Bad Annotations in the Dataset (VQ2D)


There seems to be alot of bad annotations in the dataset. Are we to assume that no such annotation mistake is there in the VQ2D test dataset?

For example, the bad annotations persist in v1_0_5 of the dataset where for “video_uid”: “14a05360-fcc4-4bf6-97d3-2d77bc282c84” and “clip_uid”: “f9c9c2ec-c5fd-46b8-bbb6-49c7dda702af” the “object_title”: “vacuum cleaner” has “x”: 966.67, “y”: 172.71,“width”: 700.13,“height”: 660.46 but if we look at the crop using the baseline with the given annotations, it only shows half of the vacuum cleaner whereas the online visualizer shows that it was visible completely.

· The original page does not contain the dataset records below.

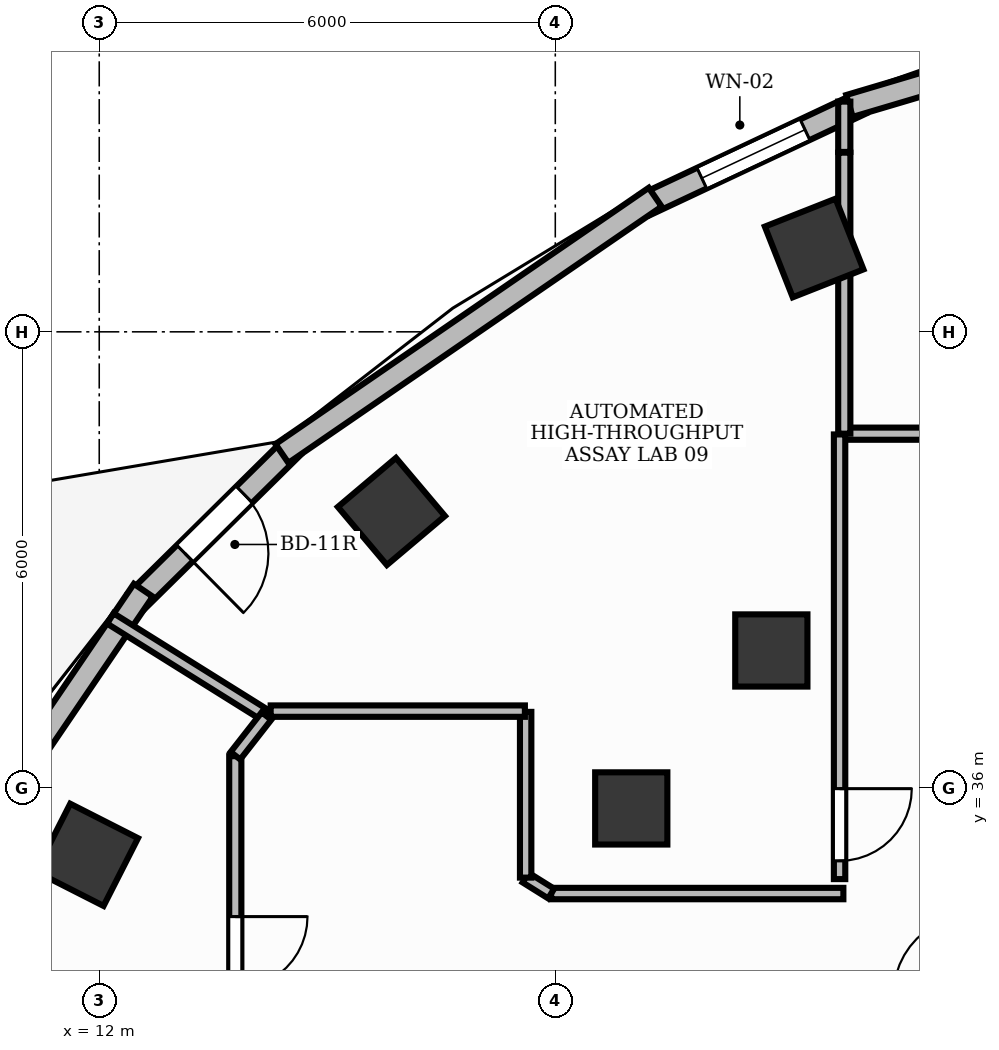
"""IFC4 building model, lengths in metres.
Left out: names, types, materials, properties, quantities, classifications, styles, units other than length and angle.
Written with IfcOpenShell. Run it as: python <this file> out.ifc"""

import sys

from ifc_helpers import new_model, si_unit, direction, frame, frame_2d, origin, origin_2d, place, context, subcontext, project, spatial, rectangle, extrude, element, fill, save


model = new_model("IFC4")
c1 = context("Model", 3, precision=1e-05, world=origin(), true_north=direction((0.0, 1.0)))
c2 = subcontext(c1, "Body", "Model", "MODEL_VIEW")
j1 = project(units=[si_unit("LENGTHUNIT", "METRE"), si_unit("PLANEANGLEUNIT", "RADIAN")], contexts=[c1])
p1 = place(None, origin())
s1 = spatial("IfcSite", under=j1, at=p1, CompositionType="ELEMENT")
p2 = place(p1, origin())
s2 = spatial("IfcBuilding", under=s1, at=p2, CompositionType="ELEMENT")
p3 = place(p2, frame((0.0, 0.0, 183.6)))
s3 = spatial("IfcBuildingStorey", under=s2, at=p3, CompositionType="ELEMENT", Elevation=183.6)
for number, where, z_axis, x_axis in (
    (1, (21.406, 43.103, -0.0), (0.0, 0.0, 1.0), (0.93, 0.367, 0.0)),
    (2, (15.844, 39.637, -0.0), (0.0, 0.0, 1.0), (0.764, 0.645, 0.0)),
):
    element("IfcColumn", number, at=place(p3, frame(where, z_axis=z_axis, x_axis=x_axis)), inside=s3, PredefinedType="COLUMN", context=c2, shape_type="SweptSolid", body=[
        extrude(rectangle(XDim=1.0, YDim=1.0, at=origin_2d()), origin(), (0.0, 0.0, 1.0), 3.901),
    ])
p4 = place(p3, frame((20.842, 37.808, -0.0), z_axis=(0.0, 0.0, 1.0), x_axis=(1.0, 0.0, 0.0)))
e3 = element("IfcColumn", 3, at=p4, inside=s3, PredefinedType="COLUMN", context=c2, shape_type="SweptSolid", body=[
    extrude(rectangle(XDim=0.95, YDim=0.95, at=origin_2d()), origin(), (0.0, 0.0, 1.0), 3.901),
])
p5 = place(p3, frame((11.838, 35.119, -0.0), z_axis=(0.0, 0.0, 1.0), x_axis=(0.453057191132, 0.891481453292, 0.0)))
e4 = element("IfcColumn", 4, at=p5, inside=s3, PredefinedType="COLUMN", context=c2, shape_type="SweptSolid", body=[
    extrude(rectangle(XDim=1.0, YDim=1.0, at=origin_2d()), origin(), (0.0, 0.0, 1.0), 3.901),
])
p6 = place(p3, frame((19.0, 35.73, -0.0), z_axis=(0.0, 0.0, 1.0), x_axis=(1.0, 0.0, 0.0)))
e5 = element("IfcColumn", 5, at=p6, inside=s3, PredefinedType="COLUMN", context=c2, shape_type="SweptSolid", body=[
    extrude(rectangle(XDim=0.95, YDim=0.95, at=origin_2d()), origin(), (0.0, 0.0, 1.0), 3.901),
])
p7 = place(p3, frame((22.03, 45.01, 0.0), z_axis=(0.0, 0.0, 1.0), x_axis=(-0.905013842092, -0.425382117186, 0.0)))
e6 = element("IfcWall", 6, at=p7, inside=s3, PredefinedType="STANDARD", context=c2, shape_type="SweptSolid", body=[
    extrude(rectangle(XDim=3.146, YDim=0.3, at=frame_2d((1.573, 0.0))), origin(), (0.0, 0.0, 1.0), 3.9),
])
p8 = place(p7, frame((0.823, 0.0, 0.95)))
e7 = element("IfcOpeningElement", 7, at=p8, cuts=e6, PredefinedType="OPENING", context=c2, shape_type="SweptSolid", body=[
    extrude(rectangle(XDim=1.5, YDim=1.8, at=frame_2d((0.75, 0.9))), frame((0.0, 0.165, 0.0), z_axis=(0.0, -1.0, 0.0), x_axis=(1.0, 0.0, 0.0)), (0.0, 0.0, 1.0), 0.33),
])
p9 = place(p3, frame((14.546, 40.489, 0.0), z_axis=(0.0, 0.0, 1.0), x_axis=(-0.711442799636, -0.70274400947, 0.0)))
e8 = element("IfcWall", 8, at=p9, inside=s3, PredefinedType="STANDARD", context=c2, shape_type="SweptSolid", body=[
    extrude(rectangle(XDim=2.891, YDim=0.3, at=frame_2d((1.445, 0.0))), origin(), (0.0, 0.0, 1.0), 3.9),
])
p10 = place(p9, frame((0.896, 0.0, 0.0)))
e9 = element("IfcOpeningElement", 9, at=p10, cuts=e8, PredefinedType="OPENING", context=c2, shape_type="SweptSolid", body=[
    extrude(rectangle(XDim=1.1, YDim=2.15, at=frame_2d((0.55, 1.075))), frame((0.0, 0.165, 0.0), z_axis=(0.0, -1.0, 0.0), x_axis=(1.0, 0.0, 0.0)), (0.0, 0.0, 1.0), 0.33),
])
p11 = place(p3, frame((28.002, 46.791, 0.0), z_axis=(0.0, 0.0, 1.0), x_axis=(-0.958672086524, -0.284513322218, 0.0)))
e10 = element("IfcWall", 10, at=p11, inside=s3, PredefinedType="STANDARD", context=c2, shape_type="SweptSolid", body=[
    extrude(rectangle(XDim=6.396, YDim=0.3, at=frame_2d((3.198, 0.0))), origin(), (0.0, 0.0, 1.0), 3.47),
])
p12 = place(p3, frame((19.314, 43.771, 0.0), z_axis=(0.0, 0.0, 1.0), x_axis=(-0.824341970472, -0.566092144194, 0.0)))
e11 = element("IfcWall", 11, at=p12, inside=s3, PredefinedType="STANDARD", context=c2, shape_type="SweptSolid", body=[
    extrude(rectangle(XDim=5.957, YDim=0.3, at=frame_2d((2.979, 0.0))), origin(), (0.0, 0.0, 1.0), 3.9),
])
p13 = place(p3, frame((12.58, 38.601, 0.0), z_axis=(0.0, 0.0, 1.0), x_axis=(-0.561663900064, -0.827365495634, 0.0)))
e12 = element("IfcWall", 12, at=p13, inside=s3, PredefinedType="STANDARD", context=c2, shape_type="SweptSolid", body=[
    extrude(rectangle(XDim=5.438, YDim=0.3, at=frame_2d((2.719, 0.0))), origin(), (0.0, 0.0, 1.0), 3.47),
])
p14 = place(p3, frame((13.79, 36.417, 0.0), z_axis=(0.0, 0.0, 1.0), x_axis=(0.0, -1.0, 0.0)))
e13 = element("IfcWall", 13, at=p14, inside=s3, PredefinedType="PARTITIONING", context=c2, shape_type="SweptSolid", body=[
    extrude(rectangle(XDim=4.208, YDim=0.16, at=frame_2d((2.104, 0.0))), origin(), (0.0, 0.0, 1.0), 2.91),
])
p15 = place(p14, frame((2.111, 0.0, 0.0)))
e14 = element("IfcOpeningElement", 14, at=p15, cuts=e13, PredefinedType="OPENING", context=c2, shape_type="SweptSolid", body=[
    extrude(rectangle(XDim=0.95, YDim=2.15, at=frame_2d((0.475, 1.075))), frame((0.0, 0.095, 0.0), z_axis=(0.0, -1.0, 0.0), x_axis=(1.0, 0.0, 0.0)), (0.0, 0.0, 1.0), 0.19),
])
p16 = place(p3, frame((30.232, 40.66, 0.0), z_axis=(0.0, 0.0, 1.0), x_axis=(-1.0, 0.0, 0.0)))
e15 = element("IfcWall", 15, at=p16, inside=s3, PredefinedType="PARTITIONING", context=c2, shape_type="SweptSolid", body=[
    extrude(rectangle(XDim=8.43, YDim=0.16, at=frame_2d((4.215, 0.0))), origin(), (0.0, 0.0, 1.0), 2.91),
])
p17 = place(p16, frame((0.24, 0.0, 0.0)))
e16 = element("IfcOpeningElement", 16, at=p17, cuts=e15, PredefinedType="OPENING", context=c2, shape_type="SweptSolid", body=[
    extrude(rectangle(XDim=0.95, YDim=2.15, at=frame_2d((0.475, 1.075))), frame((0.0, 0.095, 0.0), z_axis=(0.0, -1.0, 0.0), x_axis=(1.0, 0.0, 0.0)), (0.0, 0.0, 1.0), 0.19),
])
p18 = place(p3, frame((21.74, 40.65, 0.0), z_axis=(0.0, 0.0, 1.0), x_axis=(0.0, -1.0, 0.0)))
e17 = element("IfcWall", 17, at=p18, inside=s3, PredefinedType="PARTITIONING", context=c2, shape_type="SweptSolid", body=[
    extrude(rectangle(XDim=5.85, YDim=0.15, at=frame_2d((2.925, 0.0))), origin(), (0.0, 0.0, 1.0), 2.91),
])
p19 = place(p18, frame((4.66, 0.0, 0.0)))
e18 = element("IfcOpeningElement", 18, at=p19, cuts=e17, PredefinedType="OPENING", context=c2, shape_type="SweptSolid", body=[
    extrude(rectangle(XDim=0.95, YDim=2.15, at=frame_2d((0.475, 1.075))), frame((0.0, 0.09, 0.0), z_axis=(0.0, -1.0, 0.0), x_axis=(1.0, 0.0, 0.0)), (0.0, 0.0, 1.0), 0.18),
])
p20 = place(p3, frame((12.146, 38.229, 0.0), z_axis=(0.0, 0.0, 1.0), x_axis=(0.848066263041, -0.529890190031, 0.0)))
e19 = element("IfcWall", 19, at=p20, inside=s3, PredefinedType="PARTITIONING", context=c2, shape_type="SweptSolid", body=[
    extrude(rectangle(XDim=2.422, YDim=0.16, at=frame_2d((1.211, 0.0))), origin(), (0.0, 0.0, 1.0), 2.91),
])
p21 = place(p3, frame((14.2, 36.946, 0.0), z_axis=(0.0, 0.0, 1.0), x_axis=(-0.615851305214, -0.787862405415, 0.0)))
e20 = element("IfcWall", 20, at=p21, inside=s3, PredefinedType="PARTITIONING", context=c2, shape_type="SweptSolid", body=[
    extrude(rectangle(XDim=0.663, YDim=0.16, at=frame_2d((0.332, 0.0))), origin(), (0.0, 0.0, 1.0), 2.91),
])
p22 = place(p3, frame((21.802, 44.367, 0.0), z_axis=(0.0, 0.0, 1.0), x_axis=(0.0, 1.0, 0.0)))
e21 = element("IfcWall", 21, at=p22, inside=s3, PredefinedType="PARTITIONING", context=c2, shape_type="SweptSolid", body=[
    extrude(rectangle(XDim=0.662, YDim=0.16, at=frame_2d((0.331, 0.0))), origin(), (0.0, 0.0, 1.0), 2.91),
])
p23 = place(p3, frame((21.802, 40.66, 0.0), z_axis=(0.0, 0.0, 1.0), x_axis=(0.0, 1.0, 0.0)))
e22 = element("IfcWall", 22, at=p23, inside=s3, PredefinedType="PARTITIONING", context=c2, shape_type="SweptSolid", body=[
    extrude(rectangle(XDim=3.697, YDim=0.16, at=frame_2d((1.849, 0.0))), origin(), (0.0, 0.0, 1.0), 2.91),
])
p24 = place(p3, frame((21.79, 34.61, 0.0), z_axis=(0.0, 0.0, 1.0), x_axis=(-1.0, 0.0, 0.0)))
e23 = element("IfcWall", 23, at=p24, inside=s3, PredefinedType="PARTITIONING", context=c2, shape_type="SweptSolid", body=[
    extrude(rectangle(XDim=3.844, YDim=0.15, at=frame_2d((1.922, 0.0))), origin(), (0.0, 0.0, 1.0), 2.91),
])
p25 = place(p3, frame((17.946, 34.61, 0.0), z_axis=(0.0, 0.0, 1.0), x_axis=(-0.84820632616, 0.529665959131, 0.0)))
e24 = element("IfcWall", 24, at=p25, inside=s3, PredefinedType="PARTITIONING", context=c2, shape_type="SweptSolid", body=[
    extrude(rectangle(XDim=0.396, YDim=0.15, at=frame_2d((0.198, 0.0))), origin(), (0.0, 0.0, 1.0), 2.91),
])
p26 = place(p3, frame((17.61, 34.82, 0.0), z_axis=(0.0, 0.0, 1.0), x_axis=(0.0, 1.0, 0.0)))
e25 = element("IfcWall", 25, at=p26, inside=s3, PredefinedType="PARTITIONING", context=c2, shape_type="SweptSolid", body=[
    extrude(rectangle(XDim=2.18, YDim=0.15, at=frame_2d((1.09, 0.0))), origin(), (0.0, 0.0, 1.0), 2.91),
])
p27 = place(p3, frame((17.6, 37.01, 0.0), z_axis=(0.0, 0.0, 1.0), x_axis=(-1.0, 0.0, 0.0)))
e26 = element("IfcWall", 26, at=p27, inside=s3, PredefinedType="PARTITIONING", context=c2, shape_type="SweptSolid", body=[
    extrude(rectangle(XDim=3.345, YDim=0.15, at=frame_2d((1.672, 0.0))), origin(), (0.0, 0.0, 1.0), 2.91),
])
p28 = place(p8, origin())
e27 = element("IfcWindow", 27, at=p28, inside=s3, PartitioningType="DOUBLE_PANEL_VERTICAL", PredefinedType="WINDOW", context=c2, shape_type="SweptSolid", body=[
    extrude(rectangle(XDim=1.5, YDim=1.8, at=frame_2d((0.75, 0.9))), frame((0.0, 0.03, 0.0), z_axis=(0.0, -1.0, 0.0), x_axis=(1.0, 0.0, 0.0)), (0.0, 0.0, 1.0), 0.06),
])
fill(e7, e27)
p29 = place(p10, origin())
e28 = element("IfcDoor", 28, at=p29, inside=s3, OperationType="SINGLE_SWING_RIGHT", PredefinedType="DOOR", context=c2, shape_type="SweptSolid", body=[
    extrude(rectangle(XDim=1.1, YDim=2.15, at=frame_2d((0.55, 1.075))), frame((0.0, 0.025, 0.0), z_axis=(0.0, -1.0, 0.0), x_axis=(1.0, 0.0, 0.0)), (0.0, 0.0, 1.0), 0.05),
])
fill(e9, e28)
p30 = place(p15, origin())
e29 = element("IfcDoor", 29, at=p30, inside=s3, OperationType="SINGLE_SWING_LEFT", PredefinedType="DOOR", context=c2, shape_type="SweptSolid", body=[
    extrude(rectangle(XDim=0.95, YDim=2.15, at=frame_2d((0.475, 1.075))), frame((0.0, 0.025, 0.0), z_axis=(0.0, -1.0, 0.0), x_axis=(1.0, 0.0, 0.0)), (0.0, 0.0, 1.0), 0.05),
])
fill(e14, e29)
p31 = place(p19, origin())
e30 = element("IfcDoor", 30, at=p31, inside=s3, OperationType="SINGLE_SWING_LEFT", PredefinedType="DOOR", context=c2, shape_type="SweptSolid", body=[
    extrude(rectangle(XDim=0.95, YDim=2.15, at=frame_2d((0.475, 1.075))), frame((0.0, 0.025, 0.0), z_axis=(0.0, -1.0, 0.0), x_axis=(1.0, 0.0, 0.0)), (0.0, 0.0, 1.0), 0.05),
])
fill(e18, e30)
save(model, sys.argv[1])

Similarly, for “video_uid”: “3f0bd238-228d-4796-a3e4-820308fb04b0” and “clip_uid”: “6b93fc6d-ed92-42da-886a-0e532e5f66cb” the visual crop with “object_title”: “microwave” is said to have “frame_number”: 1093 and “video_frame_number”: 14657. Now the video_frame_number looks correct with the online visualizer but the frame_number does not make sense since “video_start_frame”: 8099 and “video_end_frame”: 15959 so should the frame_number for this visual crop not be 6558? I am not sure about the bounding box for this too since things do not seem to match the online visualizer for this too. The visualizer says that
x: 298.3

y: 40.96

width: 768.69

height: 584.29

but the annotation file says “x”: 593.64, “y”: 679.35, “width”: 404.54, “height”: 180.34

I have been seeing many such instances where either the response track was incorrectly labelled (the object is not even visible in those frames), the object to be referenced as the visual crop is either not in the frame at all or the crop does not contain the object but something else.
Can someone please confirm this? I have been using the baseline code on the EGO4D github.

Hey @asjad.s,

Thanks for your post, can you help us verify these?

  1. I don’t see any vaccum cleaners in vq for 14a05360-fcc4-4bf6-97d3-2d77bc282c84; is this the right video_uid?

  2. Video 3f0bd238-228d-4796-a3e4-820308fb04b0 has two objects labeled ‘microwave’ with visual crops on the same frame. One has the first bbox you mentioned, the second has the other; which should explain the difference.

Can you share any other inconsistencies you’ve found? We’ll take a look.

  1. Apologies, the video_uid was 7f09822a-87b9-4eac-bb34-3f1059c704d1
  2. For 3f0bd238-228d-4796-a3e4-820308fb04b0 you are correct, regarding the bounding boxes ( I happened to have missed that other instance of microwave), however the frame_number 1093 in the test_val.json gives us a crop of the user’s hand and not the other microwave.

Thankyou so much for your help. I guess we can modify our codes if there are issues with frame_number and simply use video_frame_number instead.